Key Takeaways from the Book

1. Mastering Trends: Going with the Flow is the Way to Success

One of the biggest advantages of contract trading is the ability to go long or short, flexibly responding to market fluctuations. However, before that, you must learn to judge market trends. How to accurately assess changes in trends? Technical analysis is your best weapon. Common indicators such as candlestick charts, MACD, and RSI can help you capture market movement signals.

• Long Strategy: If the market is in an upward trend, you should boldly go long.

• Short Strategy: If the market is in a downward trend, you can choose to short and profit from the market's decline.

The key is not to blindly follow the trend, but to use technical analysis and market data to make rational decisions.

2. Risk Management: Set Stop Loss and Take Profit to Avoid Emotional Trading

The biggest risk in contract trading comes from leverage; a moment of inattention can lead to liquidation risk. To avoid this situation, you must learn strict stop loss and take profit strategies. Whether bullish or bearish, you should set stop loss and take profit points before entering the market.

• Stop Loss: If the market trend does not meet your expectations, stop loss can help you control losses and avoid significant declines.

• Take Profit: With extreme market fluctuations, take profit can help you lock in profits before the market reverses.

Risk control is the core of maintaining stable profits; you should never ignore this due to emotions or impulses.
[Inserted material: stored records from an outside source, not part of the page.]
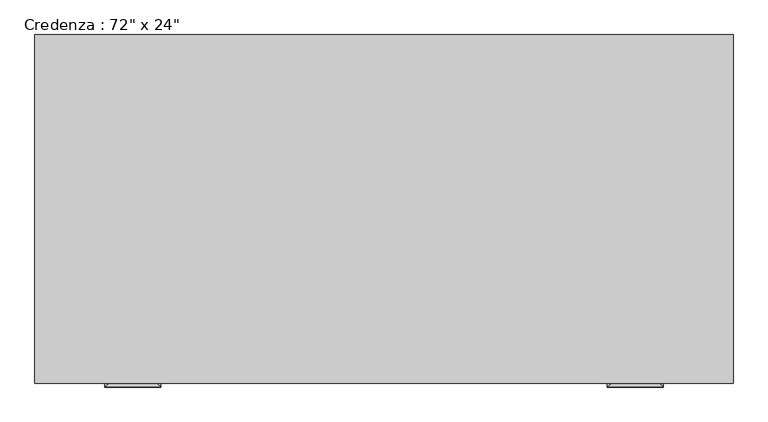
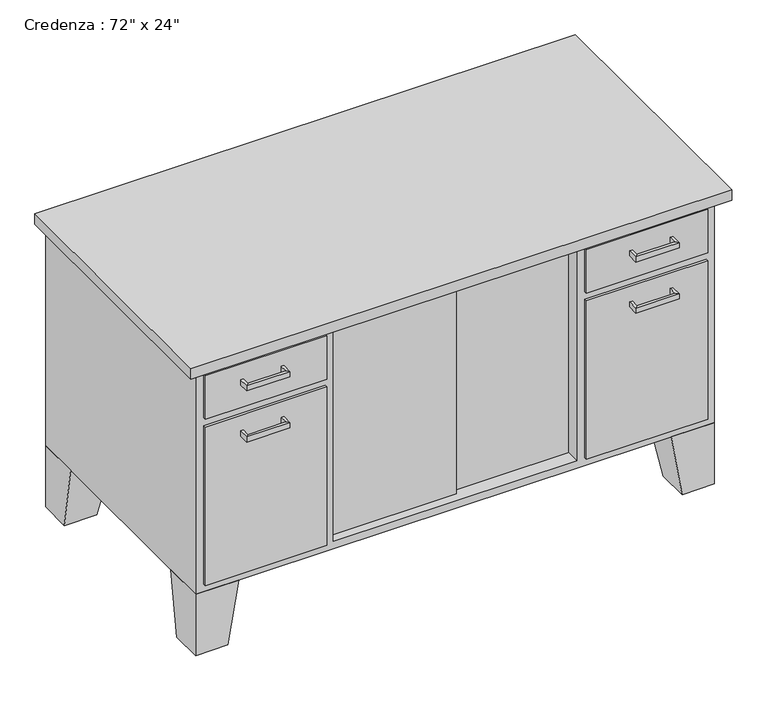
"""IFC4 building model written with IfcOpenShell, lengths in millimetres: furniture geometry."""

from ifc_helpers import new_model, si_unit, frame, origin, place, context, project, spatial, polyline, outline, extrude, faceted_brep, source, transform, mapped, element, save


def furniture_201ebc49(model_context):
    return source(origin(), model_context, "Body", "SolidModel", [
        extrude(outline(polyline([(379.3023176, -267.2714583), (46.8442623, -267.2714583), (46.8442623, -254.5714583), (379.3023176, -254.5714583), (379.3023176, -267.2714583)])), frame((0.0, 0.0, 171.45), z_axis=(0.0, 0.0, 1.0), x_axis=(1.0, 0.0, 0.0)), (0.0, 0.0, 1.0), 520.7),
        extrude(outline(polyline([(73.6254475, -279.9714583), (-226.2057377, -279.9714583), (-226.2057377, -267.2714583), (73.6254475, -267.2714583), (73.6254475, -279.9714583)])), frame((0.0, 0.0, 171.45), z_axis=(0.0, 0.0, 1.0), x_axis=(1.0, 0.0, 0.0)), (0.0, 0.0, 1.0), 520.7),
        faceted_brep([(567.5442623, 309.3803279, 152.4), (567.5442623, 207.7803279, 152.4), (669.1442623, 207.7803279, 152.4), (669.1442623, 309.3803279, 152.4), (592.9442623, 309.3803279, 0.0), (669.1442623, 309.3803279, 0.0), (669.1442623, 233.1803279, 0.0), (592.9442623, 233.1803279, 0.0)], [[[0, 1, 2, 3]], [[4, 5, 6, 7]], [[4, 7, 1, 0]], [[7, 6, 2, 1]], [[6, 5, 3, 2]], [[5, 4, 0, 3]]]),
        extrude(outline(polyline([(650.0942623, -306.5696721), (364.3442623, -306.5696721), (364.3442623, -300.2196721), (650.0942623, -300.2196721), (650.0942623, -306.5696721)])), frame((0.0, 0.0, 584.2), z_axis=(0.0, 0.0, 1.0), x_axis=(1.0, 0.0, 0.0)), (0.0, 0.0, 1.0), 107.95),
        extrude(outline(polyline([(650.0942623, -306.5696721), (364.3442623, -306.5696721), (364.3442623, -300.2196721), (650.0942623, -300.2196721), (650.0942623, -306.5696721)])), frame((0.0, 0.0, 171.45), z_axis=(0.0, 0.0, 1.0), x_axis=(1.0, 0.0, 0.0)), (0.0, 0.0, 1.0), 393.7),
        extrude(outline(polyline([(-245.2557377, -306.5696721), (-531.0057377, -306.5696721), (-531.0057377, -300.2196721), (-245.2557377, -300.2196721), (-245.2557377, -306.5696721)])), frame((0.0, 0.0, 584.2), z_axis=(0.0, 0.0, 1.0), x_axis=(1.0, 0.0, 0.0)), (0.0, 0.0, 1.0), 107.95),
        extrude(outline(polyline([(-245.2557377, -306.5696721), (-531.0057377, -306.5696721), (-531.0057377, -300.2196721), (-245.2557377, -300.2196721), (-245.2557377, -306.5696721)])), frame((0.0, 0.0, 171.45), z_axis=(0.0, 0.0, 1.0), x_axis=(1.0, 0.0, 0.0)), (0.0, 0.0, 1.0), 393.7),
        faceted_brep([(-448.4557377, -300.2196721, 152.4), (-448.4557377, -198.6196721, 152.4), (-550.0557377, -198.6196721, 152.4), (-550.0557377, -300.2196721, 152.4), (-473.8557377, -300.2196721, 0.0), (-550.0557377, -300.2196721, 0.0), (-550.0557377, -224.0196721, 0.0), (-473.8557377, -224.0196721, 0.0)], [[[0, 1, 2, 3]], [[4, 5, 6, 7]], [[4, 7, 1, 0]], [[7, 6, 2, 1]], [[6, 5, 3, 2]], [[5, 4, 0, 3]]]),
        faceted_brep([(-448.4557377, 309.3803279, 152.4), (-550.0557377, 309.3803279, 152.4), (-550.0557377, 207.7803279, 152.4), (-448.4557377, 207.7803279, 152.4), (-473.8557377, 309.3803279, 0.0), (-473.8557377, 233.1803279, 0.0), (-550.0557377, 233.1803279, 0.0), (-550.0557377, 309.3803279, 0.0)], [[[0, 1, 2, 3]], [[4, 5, 6, 7]], [[4, 7, 1, 0]], [[7, 6, 2, 1]], [[6, 5, 3, 2]], [[5, 4, 0, 3]]]),
        faceted_brep([(567.5442623, -300.2196721, 152.4), (669.1442623, -300.2196721, 152.4), (669.1442623, -198.6196721, 152.4), (567.5442623, -198.6196721, 152.4), (592.9442623, -300.2196721, 0.0), (592.9442623, -224.0196721, 0.0), (669.1442623, -224.0196721, 0.0), (669.1442623, -300.2196721, 0.0)], [[[0, 1, 2, 3]], [[4, 5, 6, 7]], [[4, 7, 1, 0]], [[7, 6, 2, 1]], [[6, 5, 3, 2]], [[5, 4, 0, 3]]]),
        faceted_brep([(669.1442623, 309.3803279, 711.2), (-550.0557377, 309.3803279, 711.2), (-550.0557377, -300.2196721, 711.2), (669.1442623, -300.2196721, 711.2), (669.1442623, 309.3803279, 152.4), (669.1442623, -300.2196721, 152.4), (-550.0557377, -300.2196721, 152.4), (-550.0557377, 309.3803279, 152.4), (-226.2057377, -300.2196721, 692.15), (345.2942623, -300.2196721, 692.15), (345.2942623, -300.2196721, 171.45), (-226.2057377, -300.2196721, 171.45), (345.2942623, 290.3303279, 692.15), (-226.2057377, 290.3303279, 692.15), (-226.2057377, 290.3303279, 171.45), (345.2942623, 290.3303279, 171.45)], [[[0, 1, 2, 3]], [[4, 5, 6, 7]], [[1, 0, 4, 7]], [[2, 1, 7, 6]], [[3, 2, 6, 5], [8, 9, 10, 11]], [[0, 3, 5, 4]], [[12, 13, 14, 15]], [[13, 12, 9, 8]], [[14, 13, 8, 11]], [[15, 14, 11, 10]], [[12, 15, 10, 9]]]),
        extrude(outline(polyline([(694.5442623, 309.3803279), (694.5442623, -325.6196721), (-575.4557377, -325.6196721), (-575.4557377, 309.3803279), (694.5442623, 309.3803279)])), frame((0.0, 0.0, 711.2), z_axis=(0.0, 0.0, 1.0), x_axis=(1.0, 0.0, 0.0)), (0.0, 0.0, 1.0), 25.4),
        faceted_brep([(-442.1057377, -306.5696721, 527.05), (-442.1057377, -306.5696721, 514.35), (-448.4557377, -306.5696721, 514.35), (-448.4557377, -306.5696721, 527.05), (-442.1057377, -325.6196721, 527.05), (-442.1057377, -325.6196721, 514.35), (-448.4557377, -331.9696721, 514.35), (-448.4557377, -331.9696721, 527.05), (-353.2057377, -325.6196721, 527.05), (-353.2057377, -325.6196721, 514.35), (-346.8557377, -331.9696721, 514.35), (-346.8557377, -331.9696721, 527.05), (-353.2057377, -306.5696721, 527.05), (-346.8557377, -306.5696721, 527.05), (-346.8557377, -306.5696721, 514.35), (-353.2057377, -306.5696721, 514.35)], [[[0, 1, 2, 3]], [[1, 0, 4, 5]], [[2, 1, 5, 6]], [[3, 2, 6, 7]], [[0, 3, 7, 4]], [[5, 4, 8, 9]], [[6, 5, 9, 10]], [[7, 6, 10, 11]], [[4, 7, 11, 8]], [[12, 13, 14, 15]], [[9, 8, 12, 15]], [[10, 9, 15, 14]], [[11, 10, 14, 13]], [[8, 11, 13, 12]]]),
        faceted_brep([(-442.1057377, -306.5696721, 654.05), (-442.1057377, -306.5696721, 641.35), (-448.4557377, -306.5696721, 641.35), (-448.4557377, -306.5696721, 654.05), (-442.1057377, -325.6196721, 654.05), (-442.1057377, -325.6196721, 641.35), (-448.4557377, -331.9696721, 641.35), (-448.4557377, -331.9696721, 654.05), (-353.2057377, -325.6196721, 654.05), (-353.2057377, -325.6196721, 641.35), (-346.8557377, -331.9696721, 641.35), (-346.8557377, -331.9696721, 654.05), (-353.2057377, -306.5696721, 654.05), (-346.8557377, -306.5696721, 654.05), (-346.8557377, -306.5696721, 641.35), (-353.2057377, -306.5696721, 641.35)], [[[0, 1, 2, 3]], [[1, 0, 4, 5]], [[2, 1, 5, 6]], [[3, 2, 6, 7]], [[0, 3, 7, 4]], [[5, 4, 8, 9]], [[6, 5, 9, 10]], [[7, 6, 10, 11]], [[4, 7, 11, 8]], [[12, 13, 14, 15]], [[9, 8, 12, 15]], [[10, 9, 15, 14]], [[11, 10, 14, 13]], [[8, 11, 13, 12]]]),
        faceted_brep([(472.2942623, -306.5696721, 654.1373112), (472.2942623, -306.5696721, 641.4373112), (465.9442623, -306.5696721, 641.4373112), (465.9442623, -306.5696721, 654.1373112), (472.2942623, -325.6196721, 654.1373112), (472.2942623, -325.6196721, 641.4373112), (465.9442623, -331.9696721, 641.4373112), (465.9442623, -331.9696721, 654.1373112), (561.1942623, -325.6196721, 654.1373112), (561.1942623, -325.6196721, 641.4373112), (567.5442623, -331.9696721, 641.4373112), (567.5442623, -331.9696721, 654.1373112), (561.1942623, -306.5696721, 654.1373112), (567.5442623, -306.5696721, 654.1373112), (567.5442623, -306.5696721, 641.4373112), (561.1942623, -306.5696721, 641.4373112)], [[[0, 1, 2, 3]], [[1, 0, 4, 5]], [[2, 1, 5, 6]], [[3, 2, 6, 7]], [[0, 3, 7, 4]], [[5, 4, 8, 9]], [[6, 5, 9, 10]], [[7, 6, 10, 11]], [[4, 7, 11, 8]], [[12, 13, 14, 15]], [[9, 8, 12, 15]], [[10, 9, 15, 14]], [[11, 10, 14, 13]], [[8, 11, 13, 12]]]),
        faceted_brep([(472.2942623, -306.5696721, 527.05), (472.2942623, -306.5696721, 514.35), (465.9442623, -306.5696721, 514.35), (465.9442623, -306.5696721, 527.05), (472.2942623, -325.6196721, 527.05), (472.2942623, -325.6196721, 514.35), (465.9442623, -331.9696721, 514.35), (465.9442623, -331.9696721, 527.05), (561.1942623, -325.6196721, 527.05), (561.1942623, -325.6196721, 514.35), (567.5442623, -331.9696721, 514.35), (567.5442623, -331.9696721, 527.05), (561.1942623, -306.5696721, 527.05), (567.5442623, -306.5696721, 527.05), (567.5442623, -306.5696721, 514.35), (561.1942623, -306.5696721, 514.35)], [[[0, 1, 2, 3]], [[1, 0, 4, 5]], [[2, 1, 5, 6]], [[3, 2, 6, 7]], [[0, 3, 7, 4]], [[5, 4, 8, 9]], [[6, 5, 9, 10]], [[7, 6, 10, 11]], [[4, 7, 11, 8]], [[12, 13, 14, 15]], [[9, 8, 12, 15]], [[10, 9, 15, 14]], [[11, 10, 14, 13]], [[8, 11, 13, 12]]]),
    ])


if __name__ == "__main__":
    model = new_model("IFC4")
    model_context = context("Model", 3, world=origin())
    ifc_project = project(units=[si_unit("LENGTHUNIT", "METRE", prefix="MILLI")], contexts=[model_context])
    site = spatial("IfcSite", under=ifc_project)
    building = spatial("IfcBuilding", under=site)
    placement = place(None, origin())
    furniture_shape = furniture_201ebc49(model_context)
    element("IfcFurniture", 1, ObjectType="Credenza : 72\" x 24\"", at=placement, inside=building, context=model_context, shape_type="MappedRepresentation", body=[
        mapped(furniture_shape, transform((0.0, 0.0, 0.0), x_axis=(1.0, 0.0, 0.0), y_axis=(0.0, 1.0, 0.0), z_axis=(0.0, 0.0, 1.0))),
    ])
    save(model, "model.ifc")

# Revit data of these elements
# Type "Credenza : 72\" x 24\""
#   Assembly Code = "E2020200"
#   Depth = 2' - 0"
#   Height = 2' - 5"
#   Width = 4' - 0"
#   Body Material = Laminate, Ivory, Matte
#   Handles/Legs Material = Steel, Chrome Plated
#   Top Material = Cherry
#   Default Elevation = 0
# Element 1 (IfcFurniture, "Credenza : 72\" x 24\"")
#   Materials on its faces: "Steel, Chrome Plated", "Laminate, Ivory, Matte", "Cherry"
# Materials
#   "Laminate, Ivory, Matte": class "Plastic", colour RGB 247 247 239, transparency 0, Description = "Plastic Laminate - Ivory, Matte", Cost = 0
#   "Steel, Chrome Plated": class "Metal", colour RGB 17 17 17, transparency 0, Description = "Chromiuim plated steel", Cost = 0
#   "Cherry": class "Wood", colour RGB 226 177 128, transparency 0, Description = "Prunus Serotina", Cost = 0

3. Emotion Control: Stay Calm and Avoid Greed

The volatility in the cryptocurrency space is very intense, often causing traders to experience emotional fluctuations. How to stay calm in a fierce market is the key to your continued profitability. Avoid overtrading due to greed, and do not miss opportunities out of fear.

• Avoid Overtrading: Market opportunities are endless, but not every fluctuation is worth your participation.

• Create a Trading Plan: Plan your goals for each trade in advance and do not blindly follow market sentiment.

Remember, contract trading is not just a technical game, but also a psychological battle. Staying calm and following your own plan is the true key to long-term success.